How to launch capacity based on vCPUs/cores instead of instances?¶
You can launch capacity based on vCPUs or cores using --weighted_capacity
option and specify a corresponding weight for each instance type specified in the instance_type option. This will pass WeightedCapacity to the corresponding Auto Scaling Group or Spot Fleet.
The example below will launch capacity where the total number of vCPUs is at least 24 vCPUs depending on availability of c5.large, c5.xlarge, and c5.2xlarge instances. In this example, ht_support is set to true to utilize vCPUs on each instance, and the weighted_capacity option has 3 weights corresponding to the desired weight of c5.large (2 vCPUs), c5.xlarge (4 vCPUs), and c5.2xlarge (8 vCPUs)
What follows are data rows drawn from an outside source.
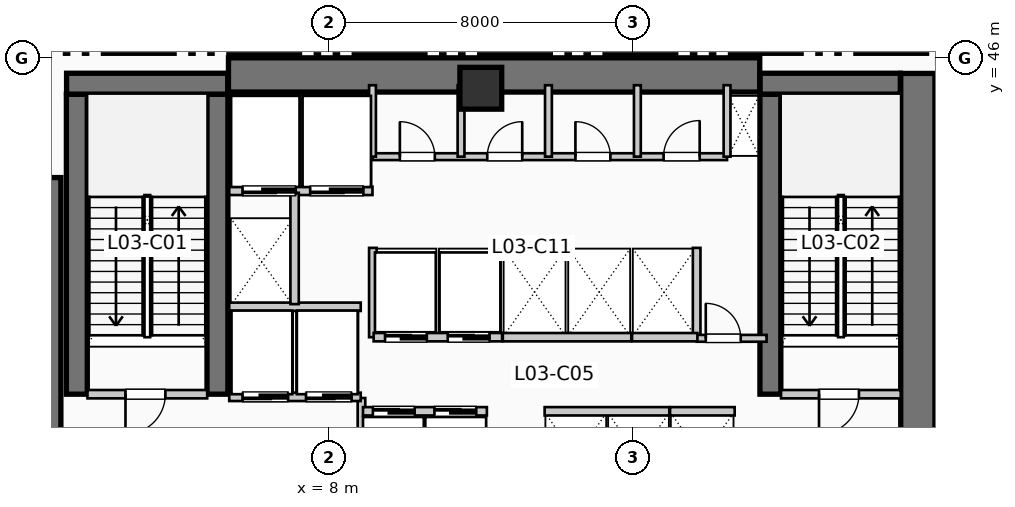
"""IFC4 building model, lengths in metres.
Left out: names, types, materials, properties, quantities, classifications, styles, units other than length and angle.
Written with IfcOpenShell. Run it as: python <this file> out.ifc"""

import sys

from ifc_helpers import new_model, si_unit, direction, frame, frame_2d, origin, origin_2d, place, context, subcontext, project, spatial, rectangle, extrude, element, fill, save


model = new_model("IFC4")
c1 = context("Model", 3, precision=1e-05, world=origin(), true_north=direction((0.0, 1.0)))
c2 = subcontext(c1, "Body", "Model", "MODEL_VIEW")
j1 = project(units=[si_unit("LENGTHUNIT", "METRE"), si_unit("PLANEANGLEUNIT", "RADIAN")], contexts=[c1])
p1 = place(None, origin())
s1 = spatial("IfcSite", under=j1, at=p1, CompositionType="ELEMENT")
p2 = place(p1, origin())
s2 = spatial("IfcBuilding", under=s1, at=p2, CompositionType="ELEMENT")
p3 = place(p2, frame((0.0, 0.0, 16.5)))
s3 = spatial("IfcBuildingStorey", under=s2, at=p3, CompositionType="ELEMENT", Elevation=16.5)
p4 = place(p3, frame((5.36, 45.55, 0.0), z_axis=(0.0, 0.0, 1.0), x_axis=(1.0, 0.0, 0.0)))
e1 = element("IfcWall", 1, at=p4, inside=s3, PredefinedType="SHEAR", context=c2, shape_type="SweptSolid", body=[
    extrude(rectangle(XDim=13.98, YDim=0.9, at=frame_2d((6.99, 0.0))), origin(), (0.0, 0.0, 1.0), 4.62),
])
p5 = place(p3, frame((0.5, 34.95, 0.0), z_axis=(0.0, 0.0, 1.0), x_axis=(0.0, 1.0, 0.0)))
e2 = element("IfcWall", 2, at=p5, inside=s3, PredefinedType="SHEAR", context=c2, shape_type="SweptSolid", body=[
    extrude(rectangle(XDim=7.9, YDim=0.9, at=frame_2d((3.95, 0.0))), origin(), (0.0, 0.0, 1.0), 4.62),
])
p6 = place(p3, frame((23.5, 34.95, 0.0), z_axis=(0.0, 0.0, 1.0), x_axis=(0.0, 1.0, 0.0)))
e3 = element("IfcWall", 3, at=p6, inside=s3, PredefinedType="SHEAR", context=c2, shape_type="SweptSolid", body=[
    extrude(rectangle(XDim=10.64, YDim=0.9, at=frame_2d((5.32, 0.0))), origin(), (0.0, 0.0, 1.0), 4.62),
])
for number, where, z_axis, x_axis in (
    (4, (1.37, 37.15, 0.0), (0.0, 0.0, 1.0), (0.0, 1.0, 0.0)),
    (5, (5.07, 37.15, 0.0), (0.0, 0.0, 1.0), (0.0, 1.0, 0.0)),
):
    element("IfcWall", number, at=place(p3, frame(where, z_axis=z_axis, x_axis=x_axis)), inside=s3, PredefinedType="SHEAR", context=c2, shape_type="SweptSolid", body=[
        extrude(rectangle(XDim=7.89, YDim=0.55, at=frame_2d((3.945, 0.0))), origin(), (0.0, 0.0, 1.0), 4.62),
    ])
p7 = place(p3, frame((1.1, 45.32, 0.0), z_axis=(0.0, 0.0, 1.0), x_axis=(1.0, 0.0, 0.0)))
e6 = element("IfcWall", 6, at=p7, inside=s3, PredefinedType="SHEAR", context=c2, shape_type="SweptSolid", body=[
    extrude(rectangle(XDim=4.24, YDim=0.55, at=frame_2d((2.12, 0.0))), origin(), (0.0, 0.0, 1.0), 4.62),
])
p8 = place(p3, frame((19.62, 37.15, 0.0), z_axis=(0.0, 0.0, 1.0), x_axis=(0.0, 1.0, 0.0)))
e7 = element("IfcWall", 7, at=p8, inside=s3, PredefinedType="SHEAR", context=c2, shape_type="SweptSolid", body=[
    extrude(rectangle(XDim=7.89, YDim=0.55, at=frame_2d((3.945, 0.0))), origin(), (0.0, 0.0, 1.0), 4.62),
])
p9 = place(p3, frame((19.35, 45.32, 0.0), z_axis=(0.0, 0.0, 1.0), x_axis=(1.0, 0.0, 0.0)))
e8 = element("IfcWall", 8, at=p9, inside=s3, PredefinedType="SHEAR", context=c2, shape_type="SweptSolid", body=[
    extrude(rectangle(XDim=3.69, YDim=0.55, at=frame_2d((1.845, 0.0))), origin(), (0.0, 0.0, 1.0), 4.62),
])
p10 = place(p3, frame((12.0, 45.2, 0.0), z_axis=(0.0, 0.0, 1.0), x_axis=(1.0, 0.0, 0.0)))
e9 = element("IfcColumn", 9, at=p10, inside=s3, PredefinedType="COLUMN", context=c2, shape_type="SweptSolid", body=[
    extrude(rectangle(XDim=1.1, YDim=1.1, at=origin_2d()), origin(), (0.0, 0.0, 1.0), 4.62),
])
p11 = place(p3, frame((1.088, 47.834, 0.0), z_axis=(0.0, 0.0, 1.0), x_axis=(-0.707106781187, -0.707106781187, 0.0)))
e10 = element("IfcWall", 10, at=p11, inside=s3, PredefinedType="SOLIDWALL", context=c2, shape_type="SweptSolid", body=[
    extrude(rectangle(XDim=4.133, YDim=0.36, at=frame_2d((2.066, 0.0))), origin(), (0.0, 0.0, 1.0), 4.3),
])
p12 = place(p3, frame((1.65, 37.15, 0.0), z_axis=(0.0, 0.0, 1.0), x_axis=(1.0, 0.0, 0.0)))
e11 = element("IfcWall", 11, at=p12, inside=s3, PredefinedType="PARTITIONING", context=c2, shape_type="SweptSolid", body=[
    extrude(rectangle(XDim=3.15, YDim=0.22, at=frame_2d((1.575, 0.0))), origin(), (0.0, 0.0, 1.0), 4.3),
])
p13 = place(p12, frame((2.05, 0.0, 0.0), z_axis=(0.0, 0.0, 1.0), x_axis=(-1.0, 0.0, 0.0)))
e12 = element("IfcOpeningElement", 12, at=p13, cuts=e11, PredefinedType="OPENING", context=c2, shape_type="SweptSolid", body=[
    extrude(rectangle(XDim=1.05, YDim=2.15, at=frame_2d((0.525, 1.075))), frame((0.0, 0.12, 0.0), z_axis=(0.0, -1.0, 0.0), x_axis=(1.0, 0.0, 0.0)), (0.0, 0.0, 1.0), 0.24),
])
p14 = place(p3, frame((8.86, 34.55, 0.0), z_axis=(0.0, 0.0, 1.0), x_axis=(0.0, 1.0, 0.0)))
e13 = element("IfcWall", 13, at=p14, inside=s3, PredefinedType="PARTITIONING", context=c2, shape_type="SweptSolid", body=[
    extrude(rectangle(XDim=2.5, YDim=0.2, at=frame_2d((1.25, 0.0))), origin(), (0.0, 0.0, 1.0), 4.3),
])
p15 = place(p3, frame((19.9, 37.15, 0.0), z_axis=(0.0, 0.0, 1.0), x_axis=(1.0, 0.0, 0.0)))
e14 = element("IfcWall", 14, at=p15, inside=s3, PredefinedType="PARTITIONING", context=c2, shape_type="SweptSolid", body=[
    extrude(rectangle(XDim=3.15, YDim=0.22, at=frame_2d((1.575, 0.0))), origin(), (0.0, 0.0, 1.0), 4.3),
])
p16 = place(p15, frame((2.05, 0.0, 0.0), z_axis=(0.0, 0.0, 1.0), x_axis=(-1.0, 0.0, 0.0)))
e15 = element("IfcOpeningElement", 15, at=p16, cuts=e14, PredefinedType="OPENING", context=c2, shape_type="SweptSolid", body=[
    extrude(rectangle(XDim=1.05, YDim=2.15, at=frame_2d((0.525, 1.075))), frame((0.0, 0.12, 0.0), z_axis=(0.0, -1.0, 0.0), x_axis=(1.0, 0.0, 0.0)), (0.0, 0.0, 1.0), 0.24),
])
p17 = place(p3, frame((5.38, 37.08, 0.0), z_axis=(0.0, 0.0, 1.0), x_axis=(1.0, 0.0, 0.0)))
e16 = element("IfcWall", 16, at=p17, inside=s3, PredefinedType="PARTITIONING", context=c2, shape_type="SweptSolid", body=[
    extrude(rectangle(XDim=3.46, YDim=0.22, at=frame_2d((1.73, 0.0))), origin(), (0.0, 0.0, 1.0), 4.3),
])
p18 = place(p17, frame((1.55, 0.0, 0.0), z_axis=(0.0, 0.0, 1.0), x_axis=(-1.0, 0.0, 0.0)))
e17 = element("IfcOpeningElement", 17, at=p18, cuts=e16, PredefinedType="OPENING", context=c2, shape_type="SweptSolid", body=[
    extrude(rectangle(XDim=1.2, YDim=2.2, at=frame_2d((0.6, 1.1))), frame((0.0, 0.12, 0.0), z_axis=(0.0, -1.0, 0.0), x_axis=(1.0, 0.0, 0.0)), (0.0, 0.0, 1.0), 0.24),
])
p19 = place(p17, frame((3.22, 0.0, 0.0), z_axis=(0.0, 0.0, 1.0), x_axis=(-1.0, 0.0, 0.0)))
e18 = element("IfcOpeningElement", 18, at=p19, cuts=e16, PredefinedType="OPENING", context=c2, shape_type="SweptSolid", body=[
    extrude(rectangle(XDim=1.2, YDim=2.2, at=frame_2d((0.6, 1.1))), frame((0.0, 0.12, 0.0), z_axis=(0.0, -1.0, 0.0), x_axis=(1.0, 0.0, 0.0)), (0.0, 0.0, 1.0), 0.24),
])
p20 = place(p3, frame((5.38, 39.45, 0.0), z_axis=(0.0, 0.0, 1.0), x_axis=(1.0, 0.0, 0.0)))
e19 = element("IfcWall", 19, at=p20, inside=s3, PredefinedType="PARTITIONING", context=c2, shape_type="SweptSolid", body=[
    extrude(rectangle(XDim=3.46, YDim=0.22, at=frame_2d((1.73, 0.0))), origin(), (0.0, 0.0, 1.0), 4.3),
])
p21 = place(p3, frame((5.38, 42.5, 0.0), z_axis=(0.0, 0.0, 1.0), x_axis=(1.0, 0.0, 0.0)))
e20 = element("IfcWall", 20, at=p21, inside=s3, PredefinedType="PARTITIONING", context=c2, shape_type="SweptSolid", body=[
    extrude(rectangle(XDim=3.77, YDim=0.22, at=frame_2d((1.885, 0.0))), origin(), (0.0, 0.0, 1.0), 4.3),
])
p22 = place(p21, frame((1.75, 0.0, 0.0), z_axis=(0.0, 0.0, 1.0), x_axis=(-1.0, 0.0, 0.0)))
e21 = element("IfcOpeningElement", 21, at=p22, cuts=e20, PredefinedType="OPENING", context=c2, shape_type="SweptSolid", body=[
    extrude(rectangle(XDim=1.4, YDim=2.2, at=frame_2d((0.7, 1.1))), frame((0.0, 0.12, 0.0), z_axis=(0.0, -1.0, 0.0), x_axis=(1.0, 0.0, 0.0)), (0.0, 0.0, 1.0), 0.24),
])
p23 = place(p21, frame((3.53, 0.0, 0.0), z_axis=(0.0, 0.0, 1.0), x_axis=(-1.0, 0.0, 0.0)))
e22 = element("IfcOpeningElement", 22, at=p23, cuts=e20, PredefinedType="OPENING", context=c2, shape_type="SweptSolid", body=[
    extrude(rectangle(XDim=1.4, YDim=2.2, at=frame_2d((0.7, 1.1))), frame((0.0, 0.12, 0.0), z_axis=(0.0, -1.0, 0.0), x_axis=(1.0, 0.0, 0.0)), (0.0, 0.0, 1.0), 0.24),
])
p24 = place(p3, frame((7.1, 39.52, 0.0), z_axis=(0.0, 0.0, 1.0), x_axis=(0.0, 1.0, 0.0)))
e23 = element("IfcWall", 23, at=p24, inside=s3, PredefinedType="PARTITIONING", context=c2, shape_type="SweptSolid", body=[
    extrude(rectangle(XDim=2.93, YDim=0.22, at=frame_2d((1.465, 0.0))), origin(), (0.0, 0.0, 1.0), 4.3),
])
for number, where, z_axis, x_axis in (
    (24, (9.16, 38.65, 0.0), (0.0, 0.0, 1.0), (0.0, 1.0, 0.0)),
    (25, (17.68, 38.65, 0.0), (0.0, 0.0, 1.0), (0.0, 1.0, 0.0)),
):
    element("IfcWall", number, at=place(p3, frame(where, z_axis=z_axis, x_axis=x_axis)), inside=s3, PredefinedType="PARTITIONING", context=c2, shape_type="SweptSolid", body=[
        extrude(rectangle(XDim=2.35, YDim=0.2, at=frame_2d((1.175, 0.0))), origin(), (0.0, 0.0, 1.0), 4.3),
    ])
p25 = place(p3, frame((17.68, 38.62, 0.0), z_axis=(0.0, 0.0, 1.0), x_axis=(1.0, 0.0, 0.0)))
e26 = element("IfcWall", 26, at=p25, inside=s3, PredefinedType="PARTITIONING", context=c2, shape_type="SweptSolid", body=[
    extrude(rectangle(XDim=1.84, YDim=0.18, at=frame_2d((0.92, 0.0))), origin(), (0.0, 0.0, 1.0), 4.3),
])
p26 = place(p25, frame((0.24, 0.0, 0.0)))
e27 = element("IfcOpeningElement", 27, at=p26, cuts=e26, PredefinedType="OPENING", context=c2, shape_type="SweptSolid", body=[
    extrude(rectangle(XDim=0.92, YDim=2.1, at=frame_2d((0.46, 1.05))), frame((0.0, 0.1, 0.0), z_axis=(0.0, -1.0, 0.0), x_axis=(1.0, 0.0, 0.0)), (0.0, 0.0, 1.0), 0.2),
])
p27 = place(p3, frame((8.9, 36.7, 0.0), z_axis=(0.0, 0.0, 1.0), x_axis=(1.0, 0.0, 0.0)))
e28 = element("IfcWall", 28, at=p27, inside=s3, PredefinedType="PARTITIONING", context=c2, shape_type="SweptSolid", body=[
    extrude(rectangle(XDim=3.26, YDim=0.22, at=frame_2d((1.63, 0.0))), origin(), (0.0, 0.0, 1.0), 4.3),
])
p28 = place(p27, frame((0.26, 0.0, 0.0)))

/apps/soca/$SOCA_CONFIGURATION/python/latest/bin/python3 \
/apps/soca/$SOCA_CONFIGURATION/cluster_manager/add_nodes.py \
--instance_type c5.large+c5.xlarge+c5.2xlarge \
--desired_capacity 24 \
--weighted_capacity 2+4+8 \
--ht_support true \
--terminate_when_idle 5 \
--keep_forever false \
--job_owner mickael \
--job_name vcpus_capacity \
--queue alwayson
When the instances become available, simply submit the jobs and specify -q alwayson
.
The instance(s) launched with --terminate_when_idle
will be terminated automatically once all jobs running on the instances complete then each instance is detected as idle (no jobs running) for the specified number of minutes (5 in the example above).